Wyd. Znak Literanova | Seria Dni Mocy Tom II | 604 str. | 44,99 zł | Data wydania: 14.04.2021 r.
Życie to nie bajka, ale nie tylko w bajkach pojawia się
magia…
W życiu nie zawsze wszystko układa się po naszej myśli, ale koniec zawsze oznacza początek czegoś nowego. Olga z dnia na dzień zostaje zmuszona do zamknięcia ukochanej księgarni, która była całym jej światem. W dodatku okazuje się, że jej chłopak zaczyna ją okłamywać, a to, co wydawało się sielanką i spełnieniem marzeń, było tylko złudzeniem. Nagle dziewczyna odkrywa, że nic już jej nie trzyma w Wilnie, gdzie spędziła całe swoje życie. Dlatego mimo obaw zgadza się przyjąć posadę opiekunki chorej umysłowo dziewczyny, która mieszka wraz z ojcem w pięknym starym dworku na Podlasiu. Choć nowego pracodawcę i jego wyjątkową córkę, Olga poznała przez przypadek, nie może się oprzeć wrażeniu, że jakaś tajemnicza siła sprowadziła ją do dworu w Jesionce. Coś strasznego wydarzyło się przed laty w tym miejscu i wszystko wskazuje na to, że tragedia może się powtórzyć...

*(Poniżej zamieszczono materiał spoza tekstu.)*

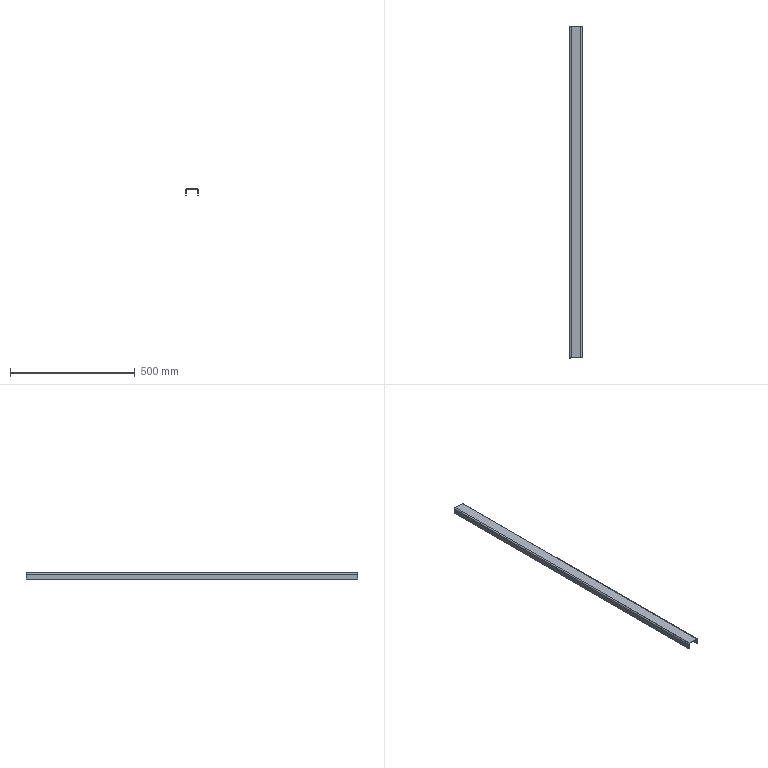Component | SolidWorks | BoxWelding-1_SupportChannelPlate-1 | 1 solid | 14 faces | box 50 x 1331 x 25 mm | volume 246412 mm3 | plane 10 | cylinder 4 | commonest cylinder face diameters 10 x2 6 x2
build123d program:
from build123d import *

# Parameters (mm, degrees)
EXTRUDE_THIN1_DEPTH = 665.5


with BuildPart() as part:
    # Sketch1 → Extrude-Thin1 (new, symmetric)
    with BuildSketch(Plane.XY):
        with BuildLine():
            Line((-25, 24), (-25, 4))
            ThreePointArc((-25, 4), (-23.536, 0.4645), (-20, -1))
            Line((-20, -1), (20, -1))
            ThreePointArc((20, -1), (23.536, 0.4645), (25, 4))
            Line((25, 4), (25, 24))
            Line((25, 24), (23, 24))
            Line((23, 24), (23, 4))
            ThreePointArc((23, 4), (22.121, 1.879), (20, 1))
            Line((20, 1), (-20, 1))
            ThreePointArc((-20, 1), (-22.121, 1.879), (-23, 4))
            Line((-23, 4), (-23, 24))
            Line((-23, 24), (-25, 24))
        make_face()
    extrude(amount=EXTRUDE_THIN1_DEPTH, both=True)


solid = part.part

# Placed as in the assembly
solid = solid.moved(Location((-103.378, 621.001, -155.987), (-90, 0, 0)))
STEP:
#1=COLOUR_RGB('',0.7922,0.8196,0.9333);
#2=FILL_AREA_STYLE_COLOUR('',#1);
#3=FILL_AREA_STYLE('',(#2));
#4=SURFACE_STYLE_FILL_AREA(#3);
#5=SURFACE_SIDE_STYLE('',(#4));
#6=SURFACE_STYLE_USAGE(.BOTH.,#5);
#7=PRESENTATION_STYLE_ASSIGNMENT((#6));
#8=CARTESIAN_POINT('',(-3.165,50.65,-6.299));
#9=VERTEX_POINT('',#8);
#10=CARTESIAN_POINT('',(-3.165,50.65,-7.086));
#11=VERTEX_POINT('',#10);
#12=CARTESIAN_POINT('',(-3.165,50.65,-7.086));
#13=DIRECTION('',(0.,-0.,-1.));
#14=VECTOR('',#13,39.37);
#15=LINE('',#12,#14);
#16=EDGE_CURVE('',#9,#11,#15,.T.);
#17=ORIENTED_EDGE('',*,*,#16,.T.);
#18=CARTESIAN_POINT('',(-3.165,-1.752,-7.086));
#19=VERTEX_POINT('',#18);
#20=CARTESIAN_POINT('',(-3.165,-1.752,-7.086));
#21=DIRECTION('',(-0.,1.,-0.));
#22=VECTOR('',#21,39.37);
#23=LINE('',#20,#22);
#24=EDGE_CURVE('',#19,#11,#23,.T.);
#25=ORIENTED_EDGE('',*,*,#24,.F.);
#26=CARTESIAN_POINT('',(-3.165,-1.752,-6.299));
#27=VERTEX_POINT('',#26);
#28=CARTESIAN_POINT('',(-3.165,-1.752,-7.086));
#29=DIRECTION('',(0.,-0.,-1.));
#30=VECTOR('',#29,39.37);
#31=LINE('',#28,#30);
#32=EDGE_CURVE('',#27,#19,#31,.T.);
#33=ORIENTED_EDGE('',*,*,#32,.F.);
#34=CARTESIAN_POINT('',(-3.165,-1.752,-6.299));
#35=DIRECTION('',(-0.,1.,-0.));
#36=VECTOR('',#35,39.37);
#37=LINE('',#34,#36);
#38=EDGE_CURVE('',#27,#9,#37,.T.);
#39=ORIENTED_EDGE('',*,*,#38,.T.);
#40=EDGE_LOOP('',(#17,#25,#33,#39));
#41=FACE_OUTER_BOUND('',#40,.T.);
#42=CARTESIAN_POINT('',(-3.165,-1.752,-7.086));
#43=DIRECTION('',(1.,0.,0.));
#44=DIRECTION('',(0.,-1.,0.));
#45=AXIS2_PLACEMENT_3D('',#42,#43,#44);
#46=PLANE('',#45);
#47=ADVANCED_FACE('',(#41),#46,.F.);
#48=CARTESIAN_POINT('',(-3.086,50.65,-7.086));
#49=VERTEX_POINT('',#48);
#50=CARTESIAN_POINT('',(-3.086,50.65,-7.086));
#51=DIRECTION('',(-1.,-0.,-0.));
#52=VECTOR('',#51,39.37);
#53=LINE('',#50,#52);
#54=EDGE_CURVE('',#49,#11,#53,.T.);
#55=ORIENTED_EDGE('',*,*,#54,.F.);
#56=CARTESIAN_POINT('',(-3.086,-1.752,-7.086));
#57=VERTEX_POINT('',#56);
#58=CARTESIAN_POINT('',(-3.086,-1.752,-7.086));
#59=DIRECTION('',(-0.,1.,-0.));
#60=VECTOR('',#59,39.37);
#61=LINE('',#58,#60);
#62=EDGE_CURVE('',#57,#49,#61,.T.);
#63=ORIENTED_EDGE('',*,*,#62,.F.);
#64=CARTESIAN_POINT('',(-3.086,-1.752,-7.086));
#65=DIRECTION('',(-1.,-0.,-0.));
#66=VECTOR('',#65,39.37);
#67=LINE('',#64,#66);
#68=EDGE_CURVE('',#57,#19,#67,.T.);
#69=ORIENTED_EDGE('',*,*,#68,.T.);
#70=ORIENTED_EDGE('',*,*,#24,.T.);
#71=EDGE_LOOP('',(#55,#63,#69,#70));
#72=FACE_OUTER_BOUND('',#71,.T.);
#73=CARTESIAN_POINT('',(-3.086,-1.752,-7.086));
#74=DIRECTION('',(0.,-0.,-1.));
#75=DIRECTION('',(0.,-1.,0.));
#76=AXIS2_PLACEMENT_3D('',#73,#74,#75);
#77=PLANE('',#76);
#78=ADVANCED_FACE('',(#72),#77,.T.);
#79=CARTESIAN_POINT('',(-3.086,50.65,-6.299));
#80=VERTEX_POINT('',#79);
#81=CARTESIAN_POINT('',(-3.086,50.65,-7.086));
#82=DIRECTION('',(0.,-0.,-1.));
#83=VECTOR('',#82,39.37);
#84=LINE('',#81,#83);
#85=EDGE_CURVE('',#80,#49,#84,.T.);
#86=ORIENTED_EDGE('',*,*,#85,.F.);
#87=CARTESIAN_POINT('',(-3.086,-1.752,-6.299));
#88=VERTEX_POINT('',#87);
#89=CARTESIAN_POINT('',(-3.086,-1.752,-6.299));
#90=DIRECTION('',(-0.,1.,-0.));
#91=VECTOR('',#90,39.37);
#92=LINE('',#89,#91);
#93=EDGE_CURVE('',#88,#80,#92,.T.);
#94=ORIENTED_EDGE('',*,*,#93,.F.);
#95=CARTESIAN_POINT('',(-3.086,-1.752,-7.086));
#96=DIRECTION('',(0.,-0.,-1.));
#97=VECTOR('',#96,39.37);
#98=LINE('',#95,#97);
#99=EDGE_CURVE('',#88,#57,#98,.T.);
#100=ORIENTED_EDGE('',*,*,#99,.T.);
#101=ORIENTED_EDGE('',*,*,#62,.T.);
#102=EDGE_LOOP('',(#86,#94,#100,#101));
#103=FACE_OUTER_BOUND('',#102,.T.);
#104=CARTESIAN_POINT('',(-3.086,-1.752,-7.086));
#105=DIRECTION('',(1.,0.,0.));
#106=DIRECTION('',(0.,-1.,0.));
#107=AXIS2_PLACEMENT_3D('',#104,#105,#106);
#108=PLANE('',#107);
#109=ADVANCED_FACE('',(#103),#108,.T.);
#110=CARTESIAN_POINT('',(-3.283,50.65,-6.102));
#111=VERTEX_POINT('',#110);
#112=CARTESIAN_POINT('',(-3.283,50.65,-6.299));
#113=DIRECTION('',(-0.,1.,-0.));
#114=DIRECTION('',(-1.,0.,-0.));
#115=AXIS2_PLACEMENT_3D('',#112,#113,#114);
#116=CIRCLE('',#115,0.1969);
#117=EDGE_CURVE('',#111,#80,#116,.T.);
#118=ORIENTED_EDGE('',*,*,#117,.F.);
#119=CARTESIAN_POINT('',(-3.283,-1.752,-6.102));
#120=VERTEX_POINT('',#119);
#121=CARTESIAN_POINT('',(-3.283,-1.752,-6.102));
#122=DIRECTION('',(-0.,1.,-0.));
#123=VECTOR('',#122,39.37);
#124=LINE('',#121,#123);
#125=EDGE_CURVE('',#120,#111,#124,.T.);
#126=ORIENTED_EDGE('',*,*,#125,.F.);
#127=CARTESIAN_POINT('',(-3.283,-1.752,-6.299));
#128=DIRECTION('',(-0.,1.,-0.));
#129=DIRECTION('',(-1.,-0.,-0.));
#130=AXIS2_PLACEMENT_3D('',#127,#128,#129);
#131=CIRCLE('',#130,0.1969);
#132=EDGE_CURVE('',#120,#88,#131,.T.);
#133=ORIENTED_EDGE('',*,*,#132,.T.);
#134=ORIENTED_EDGE('',*,*,#93,.T.);
#135=EDGE_LOOP('',(#118,#126,#133,#134));
#136=FACE_OUTER_BOUND('',#135,.T.);
#137=CARTESIAN_POINT('',(-3.283,-1.752,-6.299));
#138=DIRECTION('',(-0.,1.,-0.));
#139=DIRECTION('',(1.,0.,0.));
#140=AXIS2_PLACEMENT_3D('',#137,#138,#139);
#141=CYLINDRICAL_SURFACE('',#140,0.1969);
#142=ADVANCED_FACE('',(#136),#141,.T.);
#143=CARTESIAN_POINT('',(-4.857,50.65,-6.102));
#144=VERTEX_POINT('',#143);
#145=CARTESIAN_POINT('',(-3.283,50.65,-6.102));
#146=DIRECTION('',(1.,0.,0.));
#147=VECTOR('',#146,39.37);
#148=LINE('',#145,#147);
#149=EDGE_CURVE('',#144,#111,#148,.T.);
#150=ORIENTED_EDGE('',*,*,#149,.F.);
#151=CARTESIAN_POINT('',(-4.857,-1.752,-6.102));
#152=VERTEX_POINT('',#151);
#153=CARTESIAN_POINT('',(-4.857,-1.752,-6.102));
#154=DIRECTION('',(-0.,1.,-0.));
#155=VECTOR('',#154,39.37);
#156=LINE('',#153,#155);
#157=EDGE_CURVE('',#152,#144,#156,.T.);
#158=ORIENTED_EDGE('',*,*,#157,.F.);
#159=CARTESIAN_POINT('',(-3.283,-1.752,-6.102));
#160=DIRECTION('',(1.,0.,0.));
#161=VECTOR('',#160,39.37);
#162=LINE('',#159,#161);
#163=EDGE_CURVE('',#152,#120,#162,.T.);
#164=ORIENTED_EDGE('',*,*,#163,.T.);
#165=ORIENTED_EDGE('',*,*,#125,.T.);
#166=EDGE_LOOP('',(#150,#158,#164,#165));
#167=FACE_OUTER_BOUND('',#166,.T.);
#168=CARTESIAN_POINT('',(-3.283,-1.752,-6.102));
#169=DIRECTION('',(-0.,0.,1.));
#170=DIRECTION('',(-0.,1.,-0.));
#171=AXIS2_PLACEMENT_3D('',#168,#169,#170);
#172=PLANE('',#171);
#173=ADVANCED_FACE('',(#167),#172,.T.);
#174=CARTESIAN_POINT('',(-5.054,50.65,-6.299));
#175=VERTEX_POINT('',#174);
#176=CARTESIAN_POINT('',(-4.857,50.65,-6.299));
#177=DIRECTION('',(-0.,1.,-0.));
#178=DIRECTION('',(-1.,0.,0.));
#179=AXIS2_PLACEMENT_3D('',#176,#177,#178);
#180=CIRCLE('',#179,0.1969);
#181=EDGE_CURVE('',#175,#144,#180,.T.);
#182=ORIENTED_EDGE('',*,*,#181,.F.);
#183=CARTESIAN_POINT('',(-5.054,-1.752,-6.299));
#184=VERTEX_POINT('',#183);
#185=CARTESIAN_POINT('',(-5.054,-1.752,-6.299));
#186=DIRECTION('',(-0.,1.,-0.));
#187=VECTOR('',#186,39.37);
#188=LINE('',#185,#187);
#189=EDGE_CURVE('',#184,#175,#188,.T.);
#190=ORIENTED_EDGE('',*,*,#189,.F.);
#191=CARTESIAN_POINT('',(-4.857,-1.752,-6.299));
#192=DIRECTION('',(-0.,1.,-0.));
#193=DIRECTION('',(-1.,-0.,0.));
#194=AXIS2_PLACEMENT_3D('',#191,#192,#193);
#195=CIRCLE('',#194,0.1969);
#196=EDGE_CURVE('',#184,#152,#195,.T.);
#197=ORIENTED_EDGE('',*,*,#196,.T.);
#198=ORIENTED_EDGE('',*,*,#157,.T.);
#199=EDGE_LOOP('',(#182,#190,#197,#198));
#200=FACE_OUTER_BOUND('',#199,.T.);
#201=CARTESIAN_POINT('',(-4.857,-1.752,-6.299));
#202=DIRECTION('',(-0.,1.,-0.));
#203=DIRECTION('',(1.,0.,0.));
#204=AXIS2_PLACEMENT_3D('',#201,#202,#203);
#205=CYLINDRICAL_SURFACE('',#204,0.1969);
#206=ADVANCED_FACE('',(#200),#205,.T.);
#207=CARTESIAN_POINT('',(-5.054,50.65,-7.086));
#208=VERTEX_POINT('',#207);
#209=CARTESIAN_POINT('',(-5.054,50.65,-7.086));
#210=DIRECTION('',(-0.,0.,1.));
#211=VECTOR('',#210,39.37);
#212=LINE('',#209,#211);
#213=EDGE_CURVE('',#208,#175,#212,.T.);
#214=ORIENTED_EDGE('',*,*,#213,.F.);
#215=CARTESIAN_POINT('',(-5.054,-1.752,-7.086));
#216=VERTEX_POINT('',#215);
#217=CARTESIAN_POINT('',(-5.054,-1.752,-7.086));
#218=DIRECTION('',(-0.,1.,-0.));
#219=VECTOR('',#218,39.37);
#220=LINE('',#217,#219);
#221=EDGE_CURVE('',#216,#208,#220,.T.);
#222=ORIENTED_EDGE('',*,*,#221,.F.);
#223=CARTESIAN_POINT('',(-5.054,-1.752,-7.086));
#224=DIRECTION('',(-0.,0.,1.));
#225=VECTOR('',#224,39.37);
#226=LINE('',#223,#225);
#227=EDGE_CURVE('',#216,#184,#226,.T.);
#228=ORIENTED_EDGE('',*,*,#227,.T.);
#229=ORIENTED_EDGE('',*,*,#189,.T.);
#230=EDGE_LOOP('',(#214,#222,#228,#229));
#231=FACE_OUTER_BOUND('',#230,.T.);
#232=CARTESIAN_POINT('',(-5.054,-1.752,-7.086));
#233=DIRECTION('',(-1.,-0.,-0.));
#234=DIRECTION('',(-0.,1.,-0.));
#235=AXIS2_PLACEMENT_3D('',#232,#233,#234);
#236=PLANE('',#235);
#237=ADVANCED_FACE('',(#231),#236,.T.);
#238=CARTESIAN_POINT('',(-4.976,50.65,-7.086));
#239=VERTEX_POINT('',#238);
#240=CARTESIAN_POINT('',(-4.976,50.65,-7.086));
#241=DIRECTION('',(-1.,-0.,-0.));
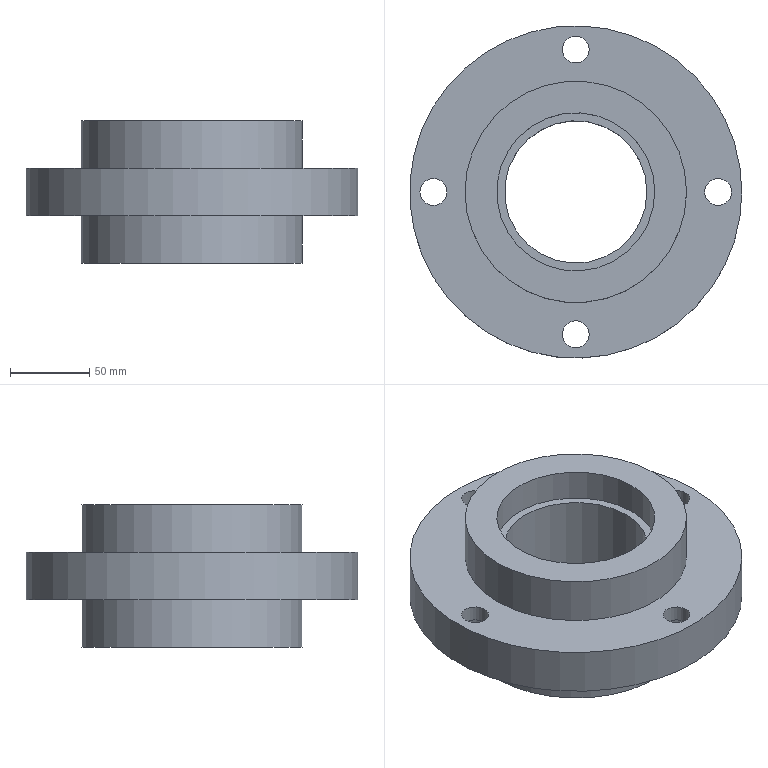Component | NX | FLANGE | 1 solid | 22 faces | volume 1308756 mm3 | cylinder 13 | plane 9 | commonest cylinder face diameters 17 x4 26 x4 140 x2 90 x1 210 x1 100 x1

Choć poprzedni tom, "Pamiętnik szeptuchy" bardzo mi się podobał, klimat "Dwóru rusałek" przypadł mi do gustu o wiele bardziej. Wszystko, a sprawą niepokojące aury obecnej w tej części. Urokliwy dworek, gdzie pracuje Olga, skrywa wiele mrocznych tajemnic. Kiedy jej podopieczna opowiada o tajemniczej przyjaciółce i jej złych siostrach, Olga zaczyna się poważnie niepokoić. Ale naprawdę dziwnie zrobi się kiedy sama zacznie słyszeć przyprawiający o dreszcze śpiew. Co czai się w dworskich murach? Czy w legendzie o rusałkach kryje się ziarno prawdy? I jaki ma to wszystko związek z dziennikiem, który Olga znajduje na strychu posiadłości?
Po raz kolejny dałam się oczarować magii pióra Pani Gąsiorowskiej. Tym razem jest bardziej klimatycznie, niepokojąco i ezoterycznie. Autorka kładzie większy akcent na słowiańskie motywy, tym razem wyróżniając rusałczy tydzień. Co prawda dopiero pod koniec powieści dowiemy się czegoś więcej o mrocznych rusałkach, ale niepokojąca aura przewija się przez całą powieść, nie dając o sobie zapomnieć. Zaskoczyła mnie ta nierealna otoczka, ale w bardzo pozytywny sposób, bo od początku tego właśnie oczekiwałam od serii.
Zaczynając lekturę zastanawiałam się czy autorka będzie w stanie zaskoczyć mnie czymś związanym z główną bohaterką, bo doskonale poznałam wszystkie jej sekrety w poprzednim tomie serii. A tu niespodzianka. Przed Olgą wielkie zmiany, trudne decyzje do podjęcia, a także prawdziwa miłość. Do tego na odkrycie czeka tajemnica z przeszłości, co jest stałym elementem w powieściach Pani Doroty i to takim, który uwielbiam najbardziej i zawsze daje mi najwięcej satysfakcji. Niestety ponownie miałam wrażenie, że środek powieści był przegadany, ale bajkowe zakończenie mi to zrekompensowało. A wątek romantyczny... Aww! Coś przecudownego. I dodam jeszcze, że poznacie tu niejedną miłosną opowieść.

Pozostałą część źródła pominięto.